Fluoroscopically guided percutaneous gastrostomy with modified gastropexy and a large-bore balloon-retained catheter in patients with head and neck tumors

Acta Radiol. 2004 Apr;45(2):130-5. doi: 10.1080/02841850410003707.

Abstract

Purpose: To report on fluoroscopically guided percutaneous gastrostomy (FPG) using a modified gastropexy technique with the insertion of a large-bore balloon-retained gastrostomy catheter in patients with head and neck tumors.

Material and methods: Thirty-four patients with head and neck tumors underwent a modified gastropexy with two T-fasteners followed by the insertion of a 14-F ballooon-retained catheter through a peel-away introducer.
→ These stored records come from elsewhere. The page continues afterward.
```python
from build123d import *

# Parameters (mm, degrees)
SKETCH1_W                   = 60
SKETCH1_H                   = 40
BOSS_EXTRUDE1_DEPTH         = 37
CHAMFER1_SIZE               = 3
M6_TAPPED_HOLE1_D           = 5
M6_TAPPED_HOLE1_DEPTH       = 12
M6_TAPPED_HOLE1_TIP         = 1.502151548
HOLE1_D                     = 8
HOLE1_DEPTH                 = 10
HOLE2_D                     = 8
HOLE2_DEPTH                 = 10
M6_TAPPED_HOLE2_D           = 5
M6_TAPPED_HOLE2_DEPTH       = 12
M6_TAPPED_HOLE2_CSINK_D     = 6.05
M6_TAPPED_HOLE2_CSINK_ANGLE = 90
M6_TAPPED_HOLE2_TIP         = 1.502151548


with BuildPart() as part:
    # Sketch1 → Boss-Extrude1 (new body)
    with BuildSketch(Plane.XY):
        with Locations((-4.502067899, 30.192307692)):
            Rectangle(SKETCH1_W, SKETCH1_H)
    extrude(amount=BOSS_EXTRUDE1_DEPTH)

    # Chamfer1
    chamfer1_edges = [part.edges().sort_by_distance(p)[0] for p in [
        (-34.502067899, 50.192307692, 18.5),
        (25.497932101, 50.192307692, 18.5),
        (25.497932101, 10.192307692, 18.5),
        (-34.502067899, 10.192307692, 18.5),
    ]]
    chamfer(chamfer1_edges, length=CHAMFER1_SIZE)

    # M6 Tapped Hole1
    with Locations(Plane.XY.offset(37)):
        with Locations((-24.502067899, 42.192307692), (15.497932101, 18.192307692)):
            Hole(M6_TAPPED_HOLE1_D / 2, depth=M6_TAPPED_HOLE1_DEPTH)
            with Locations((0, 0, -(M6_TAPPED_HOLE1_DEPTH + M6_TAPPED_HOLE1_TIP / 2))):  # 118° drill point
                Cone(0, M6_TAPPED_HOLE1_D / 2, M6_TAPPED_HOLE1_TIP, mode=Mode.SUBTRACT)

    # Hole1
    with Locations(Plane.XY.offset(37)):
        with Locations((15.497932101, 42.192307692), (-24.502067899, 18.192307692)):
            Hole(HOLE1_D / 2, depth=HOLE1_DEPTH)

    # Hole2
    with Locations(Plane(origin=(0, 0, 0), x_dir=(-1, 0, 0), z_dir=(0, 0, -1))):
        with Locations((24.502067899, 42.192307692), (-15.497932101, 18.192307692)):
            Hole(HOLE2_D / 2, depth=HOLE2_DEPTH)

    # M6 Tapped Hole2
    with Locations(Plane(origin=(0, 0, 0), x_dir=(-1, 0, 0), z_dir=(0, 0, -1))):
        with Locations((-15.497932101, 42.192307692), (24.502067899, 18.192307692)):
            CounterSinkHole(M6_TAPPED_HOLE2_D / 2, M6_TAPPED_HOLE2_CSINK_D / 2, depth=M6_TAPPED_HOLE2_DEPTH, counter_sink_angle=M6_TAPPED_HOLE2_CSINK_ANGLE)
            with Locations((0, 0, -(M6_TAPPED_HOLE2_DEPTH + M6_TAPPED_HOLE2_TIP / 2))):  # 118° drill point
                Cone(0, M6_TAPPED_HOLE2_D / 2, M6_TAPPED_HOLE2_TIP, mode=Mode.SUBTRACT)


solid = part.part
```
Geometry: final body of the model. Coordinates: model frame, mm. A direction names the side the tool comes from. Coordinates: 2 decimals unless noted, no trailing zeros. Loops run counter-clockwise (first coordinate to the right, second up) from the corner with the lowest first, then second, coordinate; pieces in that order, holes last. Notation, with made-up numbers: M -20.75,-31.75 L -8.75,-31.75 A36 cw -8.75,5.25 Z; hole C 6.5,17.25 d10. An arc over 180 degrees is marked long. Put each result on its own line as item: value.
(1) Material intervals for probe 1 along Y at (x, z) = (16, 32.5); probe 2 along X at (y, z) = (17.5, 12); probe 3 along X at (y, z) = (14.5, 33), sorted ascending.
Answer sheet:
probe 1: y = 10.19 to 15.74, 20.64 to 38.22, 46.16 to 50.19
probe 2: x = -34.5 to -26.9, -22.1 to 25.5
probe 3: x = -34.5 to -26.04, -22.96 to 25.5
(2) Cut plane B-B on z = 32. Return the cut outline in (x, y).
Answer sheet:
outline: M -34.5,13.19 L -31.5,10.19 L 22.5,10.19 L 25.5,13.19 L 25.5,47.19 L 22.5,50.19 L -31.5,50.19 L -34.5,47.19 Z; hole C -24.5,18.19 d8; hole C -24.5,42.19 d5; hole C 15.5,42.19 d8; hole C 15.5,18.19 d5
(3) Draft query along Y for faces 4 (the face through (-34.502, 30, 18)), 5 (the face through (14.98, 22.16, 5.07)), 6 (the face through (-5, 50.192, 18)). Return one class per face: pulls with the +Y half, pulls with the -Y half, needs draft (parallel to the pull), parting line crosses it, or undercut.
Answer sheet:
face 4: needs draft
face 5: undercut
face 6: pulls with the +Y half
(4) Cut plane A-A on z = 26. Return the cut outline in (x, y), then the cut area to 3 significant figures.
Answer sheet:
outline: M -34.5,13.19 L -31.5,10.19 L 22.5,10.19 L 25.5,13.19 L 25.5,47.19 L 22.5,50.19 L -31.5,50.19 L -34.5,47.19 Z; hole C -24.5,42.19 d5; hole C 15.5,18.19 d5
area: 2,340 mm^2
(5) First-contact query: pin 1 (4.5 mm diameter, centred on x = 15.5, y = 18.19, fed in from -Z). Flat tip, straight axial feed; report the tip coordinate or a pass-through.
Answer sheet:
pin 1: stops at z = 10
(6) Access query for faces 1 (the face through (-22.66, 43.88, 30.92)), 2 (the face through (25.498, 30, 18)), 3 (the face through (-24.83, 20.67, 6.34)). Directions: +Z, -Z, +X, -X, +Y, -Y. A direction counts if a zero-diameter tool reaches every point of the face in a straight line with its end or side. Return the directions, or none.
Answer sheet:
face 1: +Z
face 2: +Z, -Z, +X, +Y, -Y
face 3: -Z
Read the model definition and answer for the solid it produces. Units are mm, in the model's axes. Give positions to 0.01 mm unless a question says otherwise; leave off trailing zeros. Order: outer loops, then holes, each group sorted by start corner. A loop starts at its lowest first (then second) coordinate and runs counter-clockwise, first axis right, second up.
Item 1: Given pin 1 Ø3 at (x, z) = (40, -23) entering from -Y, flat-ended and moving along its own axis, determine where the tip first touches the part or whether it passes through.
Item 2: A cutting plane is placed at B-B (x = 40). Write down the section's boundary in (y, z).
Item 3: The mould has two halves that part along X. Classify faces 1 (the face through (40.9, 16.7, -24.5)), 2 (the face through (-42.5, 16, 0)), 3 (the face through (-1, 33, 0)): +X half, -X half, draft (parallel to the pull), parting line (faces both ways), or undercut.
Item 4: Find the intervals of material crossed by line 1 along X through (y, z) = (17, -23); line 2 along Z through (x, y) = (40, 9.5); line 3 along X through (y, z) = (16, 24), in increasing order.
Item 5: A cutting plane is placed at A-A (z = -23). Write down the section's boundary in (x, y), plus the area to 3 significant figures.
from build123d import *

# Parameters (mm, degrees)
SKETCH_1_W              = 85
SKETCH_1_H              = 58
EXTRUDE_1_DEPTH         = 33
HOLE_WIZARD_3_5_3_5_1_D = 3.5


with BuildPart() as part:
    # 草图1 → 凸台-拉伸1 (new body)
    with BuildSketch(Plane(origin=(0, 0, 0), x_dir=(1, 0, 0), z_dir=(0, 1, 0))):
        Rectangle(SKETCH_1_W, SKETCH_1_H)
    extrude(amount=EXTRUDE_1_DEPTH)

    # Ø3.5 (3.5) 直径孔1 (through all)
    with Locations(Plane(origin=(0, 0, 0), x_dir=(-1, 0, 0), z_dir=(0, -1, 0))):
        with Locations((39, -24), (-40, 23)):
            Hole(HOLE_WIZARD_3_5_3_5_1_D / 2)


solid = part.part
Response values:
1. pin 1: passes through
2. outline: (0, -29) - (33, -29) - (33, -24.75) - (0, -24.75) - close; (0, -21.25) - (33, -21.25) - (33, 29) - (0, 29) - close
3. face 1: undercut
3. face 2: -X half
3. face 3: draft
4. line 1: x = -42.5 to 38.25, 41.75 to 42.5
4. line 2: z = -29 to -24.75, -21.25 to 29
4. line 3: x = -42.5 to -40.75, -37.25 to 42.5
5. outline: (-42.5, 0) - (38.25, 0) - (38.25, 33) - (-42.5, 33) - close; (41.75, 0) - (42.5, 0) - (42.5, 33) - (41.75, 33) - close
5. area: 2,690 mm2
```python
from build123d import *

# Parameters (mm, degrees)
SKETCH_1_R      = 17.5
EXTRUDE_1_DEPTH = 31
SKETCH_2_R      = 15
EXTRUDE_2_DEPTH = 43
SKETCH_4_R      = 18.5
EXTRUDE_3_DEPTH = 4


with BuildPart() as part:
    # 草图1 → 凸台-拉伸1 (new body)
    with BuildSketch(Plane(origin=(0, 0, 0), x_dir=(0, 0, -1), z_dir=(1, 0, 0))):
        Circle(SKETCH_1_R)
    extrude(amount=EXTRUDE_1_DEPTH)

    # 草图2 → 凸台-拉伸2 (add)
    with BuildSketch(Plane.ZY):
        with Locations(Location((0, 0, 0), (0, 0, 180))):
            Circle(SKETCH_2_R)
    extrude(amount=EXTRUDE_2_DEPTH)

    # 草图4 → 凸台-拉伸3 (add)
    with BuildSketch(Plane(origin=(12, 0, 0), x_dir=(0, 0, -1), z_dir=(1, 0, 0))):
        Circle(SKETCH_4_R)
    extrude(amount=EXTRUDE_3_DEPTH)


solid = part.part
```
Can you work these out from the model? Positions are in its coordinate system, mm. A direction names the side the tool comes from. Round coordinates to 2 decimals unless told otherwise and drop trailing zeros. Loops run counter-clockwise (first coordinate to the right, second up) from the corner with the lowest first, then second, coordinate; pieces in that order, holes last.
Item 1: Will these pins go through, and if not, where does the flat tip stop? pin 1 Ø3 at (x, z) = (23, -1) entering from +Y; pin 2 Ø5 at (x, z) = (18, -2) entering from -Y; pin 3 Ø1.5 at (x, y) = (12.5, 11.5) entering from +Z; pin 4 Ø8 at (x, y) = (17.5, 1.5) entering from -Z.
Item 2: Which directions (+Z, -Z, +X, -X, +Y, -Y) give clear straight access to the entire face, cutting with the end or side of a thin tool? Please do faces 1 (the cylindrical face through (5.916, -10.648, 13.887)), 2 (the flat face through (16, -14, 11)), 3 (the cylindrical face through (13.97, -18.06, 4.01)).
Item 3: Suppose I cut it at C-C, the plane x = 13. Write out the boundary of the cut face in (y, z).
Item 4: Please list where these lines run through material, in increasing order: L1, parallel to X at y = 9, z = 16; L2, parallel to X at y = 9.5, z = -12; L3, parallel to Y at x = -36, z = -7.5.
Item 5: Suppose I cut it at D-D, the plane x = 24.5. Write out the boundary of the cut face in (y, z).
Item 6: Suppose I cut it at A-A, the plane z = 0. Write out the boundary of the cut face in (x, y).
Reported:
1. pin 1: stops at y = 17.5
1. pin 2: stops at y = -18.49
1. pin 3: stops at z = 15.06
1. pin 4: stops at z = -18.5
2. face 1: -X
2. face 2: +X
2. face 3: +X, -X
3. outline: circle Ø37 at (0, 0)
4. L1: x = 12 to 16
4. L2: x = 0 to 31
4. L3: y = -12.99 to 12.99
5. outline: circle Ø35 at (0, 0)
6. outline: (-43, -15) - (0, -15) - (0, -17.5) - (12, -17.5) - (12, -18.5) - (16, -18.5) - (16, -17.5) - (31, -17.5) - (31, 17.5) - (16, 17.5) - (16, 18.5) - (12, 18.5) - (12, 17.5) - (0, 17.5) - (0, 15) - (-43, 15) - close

The success rate and the complications of the procedures were evaluated at 14 days, 30 days, and 60 days. The complications were classified as: major complications that necessitated intensive and/or surgical treatment; minor complications that could be treated conservatively; and tube-related complications manageable by tube exchange.

Results: FPG was technically successful in all cases. There were no major complications, two minor complications where superficial stoma infection was controlled by antibiotics, three minor tube-related complications, all three easily managed by catheter replacement via the original tract.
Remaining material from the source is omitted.